# Lab 1.8 How well did my drug do? Variance explained and discriminability

## Introduction

In the previous few labs, we learned that populations exhibit variability, and we also learned how to calculate whether or not the means of different populations are significantly different from one another. In this lab, we will examine how large the effect of a drug might be, in terms of how much of the experimental variance *can be explained by the factors in the experiment*. These concepts will allow us to perform statistical tests on whether the means of 3 or more groups are different, and will also provide a basis for fitting data to models.

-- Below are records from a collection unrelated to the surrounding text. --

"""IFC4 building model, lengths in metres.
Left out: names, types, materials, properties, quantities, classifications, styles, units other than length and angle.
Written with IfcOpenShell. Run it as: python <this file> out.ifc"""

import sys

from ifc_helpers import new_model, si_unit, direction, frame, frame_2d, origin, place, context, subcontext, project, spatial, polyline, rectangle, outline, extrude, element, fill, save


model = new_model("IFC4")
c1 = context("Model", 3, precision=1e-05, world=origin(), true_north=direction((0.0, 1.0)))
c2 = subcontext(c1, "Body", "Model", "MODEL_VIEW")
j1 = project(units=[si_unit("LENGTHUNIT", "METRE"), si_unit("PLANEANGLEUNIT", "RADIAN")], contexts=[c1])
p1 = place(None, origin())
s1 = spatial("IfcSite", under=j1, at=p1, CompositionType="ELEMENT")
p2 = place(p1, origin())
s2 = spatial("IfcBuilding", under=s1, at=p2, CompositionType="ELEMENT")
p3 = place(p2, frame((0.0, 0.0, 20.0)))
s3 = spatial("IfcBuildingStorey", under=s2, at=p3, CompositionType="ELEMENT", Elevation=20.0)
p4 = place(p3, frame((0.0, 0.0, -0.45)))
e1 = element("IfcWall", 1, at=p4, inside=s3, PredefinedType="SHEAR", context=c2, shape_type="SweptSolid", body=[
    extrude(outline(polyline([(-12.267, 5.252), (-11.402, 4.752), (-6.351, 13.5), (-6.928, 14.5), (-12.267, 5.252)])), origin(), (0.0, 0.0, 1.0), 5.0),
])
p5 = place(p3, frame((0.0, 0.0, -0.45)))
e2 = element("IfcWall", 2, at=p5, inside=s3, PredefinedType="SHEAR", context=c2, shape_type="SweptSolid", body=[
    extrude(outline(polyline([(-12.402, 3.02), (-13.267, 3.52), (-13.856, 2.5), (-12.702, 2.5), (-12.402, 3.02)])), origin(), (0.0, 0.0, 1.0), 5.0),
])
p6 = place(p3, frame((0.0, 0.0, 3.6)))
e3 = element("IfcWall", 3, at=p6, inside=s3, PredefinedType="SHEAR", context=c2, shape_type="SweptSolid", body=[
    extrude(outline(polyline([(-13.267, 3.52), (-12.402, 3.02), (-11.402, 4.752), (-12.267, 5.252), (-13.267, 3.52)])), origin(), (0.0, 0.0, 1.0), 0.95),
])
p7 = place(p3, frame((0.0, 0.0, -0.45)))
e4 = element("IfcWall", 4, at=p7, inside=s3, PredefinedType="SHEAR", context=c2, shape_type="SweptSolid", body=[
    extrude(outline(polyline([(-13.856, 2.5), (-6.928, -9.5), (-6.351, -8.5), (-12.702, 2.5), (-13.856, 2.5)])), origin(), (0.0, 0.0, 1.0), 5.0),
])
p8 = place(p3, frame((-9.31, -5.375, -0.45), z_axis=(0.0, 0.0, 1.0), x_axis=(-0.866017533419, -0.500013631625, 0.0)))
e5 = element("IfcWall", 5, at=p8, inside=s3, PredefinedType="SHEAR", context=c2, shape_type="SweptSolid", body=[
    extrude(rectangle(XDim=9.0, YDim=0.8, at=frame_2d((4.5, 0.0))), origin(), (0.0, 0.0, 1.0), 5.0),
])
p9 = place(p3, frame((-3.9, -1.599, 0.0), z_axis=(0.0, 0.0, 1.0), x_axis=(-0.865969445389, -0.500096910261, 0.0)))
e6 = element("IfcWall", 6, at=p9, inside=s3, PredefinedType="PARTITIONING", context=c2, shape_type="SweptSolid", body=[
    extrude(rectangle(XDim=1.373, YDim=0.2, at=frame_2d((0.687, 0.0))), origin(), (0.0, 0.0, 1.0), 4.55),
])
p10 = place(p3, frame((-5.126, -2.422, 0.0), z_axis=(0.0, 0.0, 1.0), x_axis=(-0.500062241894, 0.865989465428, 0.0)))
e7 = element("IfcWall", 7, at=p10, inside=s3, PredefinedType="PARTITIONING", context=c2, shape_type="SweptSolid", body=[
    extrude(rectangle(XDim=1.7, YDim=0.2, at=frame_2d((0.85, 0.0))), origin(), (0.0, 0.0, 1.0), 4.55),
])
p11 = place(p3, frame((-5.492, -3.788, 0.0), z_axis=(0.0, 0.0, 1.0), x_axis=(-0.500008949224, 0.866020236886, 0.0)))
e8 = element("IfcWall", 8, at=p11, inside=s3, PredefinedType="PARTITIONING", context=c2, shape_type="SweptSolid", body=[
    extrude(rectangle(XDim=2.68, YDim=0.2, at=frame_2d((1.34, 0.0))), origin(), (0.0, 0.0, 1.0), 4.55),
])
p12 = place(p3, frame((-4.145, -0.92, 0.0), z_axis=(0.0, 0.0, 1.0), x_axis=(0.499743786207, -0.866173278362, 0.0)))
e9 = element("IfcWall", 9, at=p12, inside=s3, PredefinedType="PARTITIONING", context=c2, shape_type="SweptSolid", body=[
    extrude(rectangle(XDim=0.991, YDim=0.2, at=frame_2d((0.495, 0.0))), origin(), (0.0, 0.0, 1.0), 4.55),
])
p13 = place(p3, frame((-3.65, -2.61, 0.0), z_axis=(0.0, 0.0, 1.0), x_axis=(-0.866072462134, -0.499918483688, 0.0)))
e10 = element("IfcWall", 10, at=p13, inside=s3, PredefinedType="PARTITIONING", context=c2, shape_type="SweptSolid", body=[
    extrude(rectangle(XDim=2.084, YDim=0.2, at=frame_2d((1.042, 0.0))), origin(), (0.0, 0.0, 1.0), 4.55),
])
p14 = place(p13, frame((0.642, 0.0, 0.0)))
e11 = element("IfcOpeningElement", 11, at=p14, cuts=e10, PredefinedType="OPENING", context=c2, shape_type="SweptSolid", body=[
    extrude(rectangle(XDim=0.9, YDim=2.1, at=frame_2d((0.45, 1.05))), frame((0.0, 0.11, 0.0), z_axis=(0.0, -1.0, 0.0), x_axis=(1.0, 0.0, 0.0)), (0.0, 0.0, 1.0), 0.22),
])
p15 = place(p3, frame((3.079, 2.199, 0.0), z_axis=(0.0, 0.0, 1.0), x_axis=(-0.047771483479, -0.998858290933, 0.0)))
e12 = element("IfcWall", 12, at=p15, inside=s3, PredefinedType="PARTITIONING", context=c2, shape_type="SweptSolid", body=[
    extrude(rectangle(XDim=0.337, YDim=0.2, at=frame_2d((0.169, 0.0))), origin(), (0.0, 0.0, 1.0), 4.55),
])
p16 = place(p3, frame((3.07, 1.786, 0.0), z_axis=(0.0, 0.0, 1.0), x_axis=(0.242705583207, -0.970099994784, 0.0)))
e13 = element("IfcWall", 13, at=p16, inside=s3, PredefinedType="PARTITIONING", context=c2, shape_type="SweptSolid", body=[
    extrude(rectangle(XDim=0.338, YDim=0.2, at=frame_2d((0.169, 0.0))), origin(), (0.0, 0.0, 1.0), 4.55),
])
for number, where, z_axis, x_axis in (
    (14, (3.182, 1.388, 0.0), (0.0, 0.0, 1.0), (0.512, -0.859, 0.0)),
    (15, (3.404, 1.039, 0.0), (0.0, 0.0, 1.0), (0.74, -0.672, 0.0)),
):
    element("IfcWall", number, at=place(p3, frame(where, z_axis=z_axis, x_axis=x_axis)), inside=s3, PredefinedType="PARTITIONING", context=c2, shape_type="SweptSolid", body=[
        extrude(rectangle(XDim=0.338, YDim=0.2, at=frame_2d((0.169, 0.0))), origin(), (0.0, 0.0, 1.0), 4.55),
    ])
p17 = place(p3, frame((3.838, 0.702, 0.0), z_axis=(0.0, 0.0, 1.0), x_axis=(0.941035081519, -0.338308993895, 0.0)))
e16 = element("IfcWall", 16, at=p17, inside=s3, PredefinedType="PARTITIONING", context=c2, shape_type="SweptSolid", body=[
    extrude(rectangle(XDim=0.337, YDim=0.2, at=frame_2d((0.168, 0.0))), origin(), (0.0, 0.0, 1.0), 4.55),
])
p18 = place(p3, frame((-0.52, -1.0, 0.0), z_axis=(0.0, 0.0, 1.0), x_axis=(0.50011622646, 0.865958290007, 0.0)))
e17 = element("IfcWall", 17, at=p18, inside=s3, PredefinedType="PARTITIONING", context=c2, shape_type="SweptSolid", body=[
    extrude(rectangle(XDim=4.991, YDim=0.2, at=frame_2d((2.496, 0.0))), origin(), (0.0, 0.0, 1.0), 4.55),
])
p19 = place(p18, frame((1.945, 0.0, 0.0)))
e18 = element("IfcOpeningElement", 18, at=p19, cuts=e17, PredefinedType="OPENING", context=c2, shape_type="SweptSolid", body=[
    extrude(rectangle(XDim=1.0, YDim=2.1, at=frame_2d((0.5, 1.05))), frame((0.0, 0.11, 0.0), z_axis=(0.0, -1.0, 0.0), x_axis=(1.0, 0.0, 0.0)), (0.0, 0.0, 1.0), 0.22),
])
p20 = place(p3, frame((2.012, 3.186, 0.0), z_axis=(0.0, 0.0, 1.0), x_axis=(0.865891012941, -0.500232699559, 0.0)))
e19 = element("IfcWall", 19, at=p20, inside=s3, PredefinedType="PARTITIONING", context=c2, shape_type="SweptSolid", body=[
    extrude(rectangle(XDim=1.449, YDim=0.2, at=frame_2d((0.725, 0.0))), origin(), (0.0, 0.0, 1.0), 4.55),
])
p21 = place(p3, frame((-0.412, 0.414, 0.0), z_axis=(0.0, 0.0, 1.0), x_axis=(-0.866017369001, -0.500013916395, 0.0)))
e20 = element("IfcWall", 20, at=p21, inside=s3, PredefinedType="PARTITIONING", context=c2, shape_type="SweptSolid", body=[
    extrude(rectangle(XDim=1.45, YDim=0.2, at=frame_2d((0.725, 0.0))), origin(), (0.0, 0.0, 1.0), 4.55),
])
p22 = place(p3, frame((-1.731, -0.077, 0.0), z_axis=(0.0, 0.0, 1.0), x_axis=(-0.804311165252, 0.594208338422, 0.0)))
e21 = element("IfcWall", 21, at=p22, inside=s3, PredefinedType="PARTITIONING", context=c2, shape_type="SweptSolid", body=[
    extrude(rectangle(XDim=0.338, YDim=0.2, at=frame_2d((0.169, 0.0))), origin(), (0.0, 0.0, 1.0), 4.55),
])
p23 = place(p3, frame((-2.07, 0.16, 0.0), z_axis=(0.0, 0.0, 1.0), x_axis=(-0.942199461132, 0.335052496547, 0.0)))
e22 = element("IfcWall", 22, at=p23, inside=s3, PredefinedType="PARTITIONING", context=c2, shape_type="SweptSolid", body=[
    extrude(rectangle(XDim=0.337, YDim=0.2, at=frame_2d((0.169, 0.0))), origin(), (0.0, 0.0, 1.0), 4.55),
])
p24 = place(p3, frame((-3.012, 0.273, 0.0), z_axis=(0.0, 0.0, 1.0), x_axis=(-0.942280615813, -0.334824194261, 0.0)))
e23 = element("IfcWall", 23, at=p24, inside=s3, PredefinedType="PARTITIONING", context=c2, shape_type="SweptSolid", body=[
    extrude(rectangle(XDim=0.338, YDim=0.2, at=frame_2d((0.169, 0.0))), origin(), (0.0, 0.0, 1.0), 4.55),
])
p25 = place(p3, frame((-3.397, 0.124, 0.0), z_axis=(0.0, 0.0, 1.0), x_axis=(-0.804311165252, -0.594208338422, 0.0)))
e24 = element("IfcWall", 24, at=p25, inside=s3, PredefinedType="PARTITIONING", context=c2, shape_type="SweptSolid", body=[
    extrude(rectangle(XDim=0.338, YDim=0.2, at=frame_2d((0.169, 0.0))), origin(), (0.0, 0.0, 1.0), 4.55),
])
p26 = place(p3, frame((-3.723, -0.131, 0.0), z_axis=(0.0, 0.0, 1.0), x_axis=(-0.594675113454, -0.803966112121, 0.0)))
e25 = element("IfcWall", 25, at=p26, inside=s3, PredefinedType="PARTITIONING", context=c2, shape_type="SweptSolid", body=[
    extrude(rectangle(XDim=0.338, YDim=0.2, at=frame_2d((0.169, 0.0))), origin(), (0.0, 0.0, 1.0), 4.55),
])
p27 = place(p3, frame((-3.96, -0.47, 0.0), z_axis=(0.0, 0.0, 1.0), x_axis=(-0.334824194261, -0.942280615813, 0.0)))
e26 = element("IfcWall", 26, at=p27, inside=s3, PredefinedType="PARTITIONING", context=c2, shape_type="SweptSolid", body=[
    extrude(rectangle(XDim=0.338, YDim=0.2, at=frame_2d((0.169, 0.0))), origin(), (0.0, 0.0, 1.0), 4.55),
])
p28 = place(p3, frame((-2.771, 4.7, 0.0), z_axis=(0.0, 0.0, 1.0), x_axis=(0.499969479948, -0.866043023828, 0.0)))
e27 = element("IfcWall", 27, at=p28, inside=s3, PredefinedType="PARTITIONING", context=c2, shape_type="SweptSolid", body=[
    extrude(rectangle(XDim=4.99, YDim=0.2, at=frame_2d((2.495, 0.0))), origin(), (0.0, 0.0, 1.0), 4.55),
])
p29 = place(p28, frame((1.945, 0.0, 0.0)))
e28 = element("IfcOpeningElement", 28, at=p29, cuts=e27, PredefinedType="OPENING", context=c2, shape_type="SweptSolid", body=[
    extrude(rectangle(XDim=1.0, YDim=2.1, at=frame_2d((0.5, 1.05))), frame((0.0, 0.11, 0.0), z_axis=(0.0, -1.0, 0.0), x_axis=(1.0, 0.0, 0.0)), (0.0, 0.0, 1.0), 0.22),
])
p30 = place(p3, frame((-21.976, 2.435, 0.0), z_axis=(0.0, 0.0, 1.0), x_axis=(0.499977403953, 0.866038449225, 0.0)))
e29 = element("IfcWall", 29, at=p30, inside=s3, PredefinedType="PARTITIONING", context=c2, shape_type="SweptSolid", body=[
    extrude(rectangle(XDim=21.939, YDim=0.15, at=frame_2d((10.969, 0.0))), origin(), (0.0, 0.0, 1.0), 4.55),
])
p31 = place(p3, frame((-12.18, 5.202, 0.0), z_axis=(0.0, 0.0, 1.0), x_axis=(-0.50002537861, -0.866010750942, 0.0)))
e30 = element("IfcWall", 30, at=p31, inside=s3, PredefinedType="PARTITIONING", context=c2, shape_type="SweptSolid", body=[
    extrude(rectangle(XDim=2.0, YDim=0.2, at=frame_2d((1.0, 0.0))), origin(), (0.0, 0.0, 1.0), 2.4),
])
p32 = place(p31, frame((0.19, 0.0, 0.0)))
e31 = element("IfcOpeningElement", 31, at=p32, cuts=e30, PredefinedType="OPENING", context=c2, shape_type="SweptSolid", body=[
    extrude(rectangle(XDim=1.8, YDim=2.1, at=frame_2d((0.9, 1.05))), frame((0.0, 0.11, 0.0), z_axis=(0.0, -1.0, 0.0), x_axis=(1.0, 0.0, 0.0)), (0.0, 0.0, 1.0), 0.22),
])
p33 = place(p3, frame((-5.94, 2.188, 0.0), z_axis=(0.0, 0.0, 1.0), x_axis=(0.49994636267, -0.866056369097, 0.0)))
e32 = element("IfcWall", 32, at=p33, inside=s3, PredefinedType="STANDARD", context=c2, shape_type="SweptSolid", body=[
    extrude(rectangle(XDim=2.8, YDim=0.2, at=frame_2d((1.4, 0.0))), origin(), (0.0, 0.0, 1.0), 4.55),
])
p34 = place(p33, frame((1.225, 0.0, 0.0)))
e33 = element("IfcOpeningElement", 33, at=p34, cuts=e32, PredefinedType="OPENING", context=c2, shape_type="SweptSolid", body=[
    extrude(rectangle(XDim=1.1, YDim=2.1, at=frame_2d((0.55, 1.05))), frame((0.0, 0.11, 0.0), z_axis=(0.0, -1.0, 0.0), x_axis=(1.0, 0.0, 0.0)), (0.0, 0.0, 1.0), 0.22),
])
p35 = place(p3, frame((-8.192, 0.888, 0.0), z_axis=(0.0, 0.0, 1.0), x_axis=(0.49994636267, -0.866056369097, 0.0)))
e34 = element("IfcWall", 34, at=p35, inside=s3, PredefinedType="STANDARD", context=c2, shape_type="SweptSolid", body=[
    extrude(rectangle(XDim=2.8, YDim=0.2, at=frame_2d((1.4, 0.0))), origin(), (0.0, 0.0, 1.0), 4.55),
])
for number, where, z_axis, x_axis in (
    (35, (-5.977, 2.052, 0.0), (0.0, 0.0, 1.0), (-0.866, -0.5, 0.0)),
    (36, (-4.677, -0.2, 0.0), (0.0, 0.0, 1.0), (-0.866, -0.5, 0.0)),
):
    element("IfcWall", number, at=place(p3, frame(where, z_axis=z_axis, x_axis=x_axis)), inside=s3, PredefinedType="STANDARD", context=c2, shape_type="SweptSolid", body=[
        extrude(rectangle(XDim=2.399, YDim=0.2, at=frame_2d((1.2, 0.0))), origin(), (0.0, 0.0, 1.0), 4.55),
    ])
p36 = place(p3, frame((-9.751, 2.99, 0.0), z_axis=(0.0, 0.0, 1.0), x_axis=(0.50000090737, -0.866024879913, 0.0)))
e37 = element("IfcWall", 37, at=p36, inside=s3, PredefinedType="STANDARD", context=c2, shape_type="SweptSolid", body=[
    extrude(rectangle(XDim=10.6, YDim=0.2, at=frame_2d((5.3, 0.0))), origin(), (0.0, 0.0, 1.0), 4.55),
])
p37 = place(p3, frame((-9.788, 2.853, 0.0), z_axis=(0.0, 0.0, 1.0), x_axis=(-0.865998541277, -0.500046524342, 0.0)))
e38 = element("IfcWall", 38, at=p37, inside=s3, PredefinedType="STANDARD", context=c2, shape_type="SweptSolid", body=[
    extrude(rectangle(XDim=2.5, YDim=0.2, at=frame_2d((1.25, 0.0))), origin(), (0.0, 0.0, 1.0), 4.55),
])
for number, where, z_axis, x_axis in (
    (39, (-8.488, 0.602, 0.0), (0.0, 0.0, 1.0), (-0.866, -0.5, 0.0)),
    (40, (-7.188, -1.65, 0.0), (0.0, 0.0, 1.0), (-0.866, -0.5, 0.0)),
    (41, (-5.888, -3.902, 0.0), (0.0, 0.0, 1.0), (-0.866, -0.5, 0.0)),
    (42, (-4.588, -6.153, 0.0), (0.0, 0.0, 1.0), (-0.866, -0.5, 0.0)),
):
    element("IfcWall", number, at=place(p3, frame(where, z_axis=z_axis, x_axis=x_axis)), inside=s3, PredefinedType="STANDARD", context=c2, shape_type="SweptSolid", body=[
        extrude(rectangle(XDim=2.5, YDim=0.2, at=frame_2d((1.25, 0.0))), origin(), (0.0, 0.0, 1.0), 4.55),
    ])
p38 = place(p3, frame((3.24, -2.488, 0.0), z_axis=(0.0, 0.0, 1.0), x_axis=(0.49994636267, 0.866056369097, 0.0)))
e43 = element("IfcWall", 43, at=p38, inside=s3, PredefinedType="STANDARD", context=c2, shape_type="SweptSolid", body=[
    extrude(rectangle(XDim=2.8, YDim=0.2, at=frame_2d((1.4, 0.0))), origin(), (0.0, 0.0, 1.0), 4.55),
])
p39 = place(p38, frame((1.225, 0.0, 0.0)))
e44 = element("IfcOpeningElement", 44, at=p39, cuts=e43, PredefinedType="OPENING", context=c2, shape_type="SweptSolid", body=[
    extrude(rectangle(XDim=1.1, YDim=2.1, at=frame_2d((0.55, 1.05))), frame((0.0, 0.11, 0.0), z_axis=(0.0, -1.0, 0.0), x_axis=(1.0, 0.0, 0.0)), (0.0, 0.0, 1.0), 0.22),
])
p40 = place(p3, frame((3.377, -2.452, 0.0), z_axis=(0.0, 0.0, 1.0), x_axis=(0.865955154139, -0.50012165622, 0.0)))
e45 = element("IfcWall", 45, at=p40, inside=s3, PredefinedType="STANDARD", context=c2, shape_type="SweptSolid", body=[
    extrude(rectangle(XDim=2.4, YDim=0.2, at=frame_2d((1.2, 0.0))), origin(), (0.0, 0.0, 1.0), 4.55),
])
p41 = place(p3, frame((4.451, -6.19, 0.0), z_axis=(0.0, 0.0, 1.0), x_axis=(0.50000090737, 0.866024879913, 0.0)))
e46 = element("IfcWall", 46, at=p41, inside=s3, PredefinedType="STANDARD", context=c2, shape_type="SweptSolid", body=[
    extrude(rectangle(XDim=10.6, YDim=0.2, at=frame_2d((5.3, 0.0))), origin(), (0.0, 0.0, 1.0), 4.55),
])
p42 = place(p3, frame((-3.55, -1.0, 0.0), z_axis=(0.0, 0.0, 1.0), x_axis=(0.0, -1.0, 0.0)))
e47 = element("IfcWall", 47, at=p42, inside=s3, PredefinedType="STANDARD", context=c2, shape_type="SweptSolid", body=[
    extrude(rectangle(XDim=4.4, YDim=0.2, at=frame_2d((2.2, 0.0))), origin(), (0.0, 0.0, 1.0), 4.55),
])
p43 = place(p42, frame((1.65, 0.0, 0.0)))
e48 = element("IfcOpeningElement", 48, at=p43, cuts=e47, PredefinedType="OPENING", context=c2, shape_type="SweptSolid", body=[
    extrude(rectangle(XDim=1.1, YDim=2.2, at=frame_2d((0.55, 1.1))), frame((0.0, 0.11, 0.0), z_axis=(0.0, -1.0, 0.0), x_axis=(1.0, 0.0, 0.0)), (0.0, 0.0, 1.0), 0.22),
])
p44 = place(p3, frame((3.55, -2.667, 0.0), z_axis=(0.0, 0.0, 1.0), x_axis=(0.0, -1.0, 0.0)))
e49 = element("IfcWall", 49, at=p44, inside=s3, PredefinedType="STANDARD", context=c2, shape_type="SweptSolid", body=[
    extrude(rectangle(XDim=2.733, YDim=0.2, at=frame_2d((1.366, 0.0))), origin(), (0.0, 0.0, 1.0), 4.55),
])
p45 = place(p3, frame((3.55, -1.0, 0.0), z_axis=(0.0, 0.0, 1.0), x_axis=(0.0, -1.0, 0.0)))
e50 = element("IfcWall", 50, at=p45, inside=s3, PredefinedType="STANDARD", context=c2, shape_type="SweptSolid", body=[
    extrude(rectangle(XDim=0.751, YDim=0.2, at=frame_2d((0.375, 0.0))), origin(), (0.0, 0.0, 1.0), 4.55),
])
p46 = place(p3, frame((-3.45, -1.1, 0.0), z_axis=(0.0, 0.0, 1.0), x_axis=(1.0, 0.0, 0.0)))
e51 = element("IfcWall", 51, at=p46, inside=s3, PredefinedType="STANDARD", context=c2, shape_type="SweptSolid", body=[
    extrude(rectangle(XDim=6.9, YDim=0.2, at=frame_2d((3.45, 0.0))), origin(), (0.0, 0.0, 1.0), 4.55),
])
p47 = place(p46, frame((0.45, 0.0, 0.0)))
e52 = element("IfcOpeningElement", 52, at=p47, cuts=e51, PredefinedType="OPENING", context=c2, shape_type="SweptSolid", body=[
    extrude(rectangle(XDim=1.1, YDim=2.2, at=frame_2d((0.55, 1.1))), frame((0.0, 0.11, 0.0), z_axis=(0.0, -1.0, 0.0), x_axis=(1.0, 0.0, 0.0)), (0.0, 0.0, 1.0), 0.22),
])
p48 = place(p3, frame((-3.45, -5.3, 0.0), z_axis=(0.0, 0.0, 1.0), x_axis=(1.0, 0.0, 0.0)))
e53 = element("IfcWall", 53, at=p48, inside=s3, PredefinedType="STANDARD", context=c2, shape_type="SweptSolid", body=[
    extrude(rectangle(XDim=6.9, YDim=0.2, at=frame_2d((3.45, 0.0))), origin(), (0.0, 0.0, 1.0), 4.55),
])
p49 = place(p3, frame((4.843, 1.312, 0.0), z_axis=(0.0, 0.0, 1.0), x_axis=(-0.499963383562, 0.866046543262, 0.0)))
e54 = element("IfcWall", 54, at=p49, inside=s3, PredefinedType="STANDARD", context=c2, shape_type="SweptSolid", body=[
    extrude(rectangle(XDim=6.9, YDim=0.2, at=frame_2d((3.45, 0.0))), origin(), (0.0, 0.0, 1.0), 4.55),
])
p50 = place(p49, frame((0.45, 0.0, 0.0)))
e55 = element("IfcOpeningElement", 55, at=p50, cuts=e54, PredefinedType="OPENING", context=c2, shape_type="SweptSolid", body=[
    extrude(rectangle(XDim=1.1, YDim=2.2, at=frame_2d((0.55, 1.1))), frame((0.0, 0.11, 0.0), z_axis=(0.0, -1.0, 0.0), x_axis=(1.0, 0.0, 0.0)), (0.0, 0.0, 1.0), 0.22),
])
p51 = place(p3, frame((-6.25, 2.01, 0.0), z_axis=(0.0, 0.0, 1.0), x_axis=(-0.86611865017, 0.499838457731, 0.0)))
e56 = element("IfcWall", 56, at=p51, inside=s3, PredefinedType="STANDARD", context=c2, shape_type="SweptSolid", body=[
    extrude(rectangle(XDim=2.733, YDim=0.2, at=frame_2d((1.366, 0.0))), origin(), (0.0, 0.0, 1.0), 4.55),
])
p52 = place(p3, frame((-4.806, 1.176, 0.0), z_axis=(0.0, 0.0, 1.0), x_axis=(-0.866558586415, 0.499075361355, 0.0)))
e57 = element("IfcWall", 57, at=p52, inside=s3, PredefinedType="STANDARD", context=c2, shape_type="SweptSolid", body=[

## Variance within groups and between/across groups

Let's start with a simple quantity like height. Consider this data of the heights of boy and girl children:

heights = load('children_heights.txt','-ascii');

This file has 2 columns. The first column indicates each individual's height, and the second column indicates that child's sex (1 for boy, 0 for girl). To get a sense of the structure of this matrix, let's look at, say, the first 10 rows:

heights(1:10,:)

We'd like to identify the boys and girls in this sample to plot them separately. We can do this using the very useful **find** command. Let's demonstrate the find command's power; we'll use it over and over for various data analysis tasks as the course progresses.

Suppose we have an array of values:

A = [ 1.5 2.5 3.5 4.5 5.5 6.5 ]

We can use the find command to give us the element index values matching particular criteria:

inds = find(A>3)

This returns [3 4 5 6] because the 3rd, 4th, 5th, and 6th element of A are greater than 3. We can break this down a little bit more. Note that

B = A>3

performs an element-by-element comparison for all the values in A. Then, the find command finds all of the entries that are not 0:

inds = find(B)

If we then examine the variable A at the index values indicated by the find command, we will see all of the points greater than 3:

A(inds)

Now we can return to our example at hand. To find all of the index values in our dataset that correspond to boys, we can use:

boys = find(heights(:,2)==1);

% want to unpack this more? type in: heights(1:10,2), heights(1:10,2)==0

girls = find(heights(:,2)==0);

Now we can identify the heights of all the girls by accessing only those elements of heights:

heights(girls,1)

Let's calculate the means and plot the data:

mn_total = mean(heights(:,1)); % compute the mean of whole data set

mn_girls = mean(heights(girls,1)); % compute mean of girls

mn_boys = mean(heights(boys,1)); % compute mean of boys

bar([1 2 3],[mn_total mn_girls mn_boys],'w');

hold on

plot(1,heights(:,1),'go'); % plot all heights

plot(2,heights(girls,1),'rd'); % plot girl heights

plot(3,heights(boys,1),'bs'); % plot boy heights

**Q1**: Are the differences in the means significant? We can check that out:

[h,p_t] = ttest2(heights(girls,1),heights(boys,1))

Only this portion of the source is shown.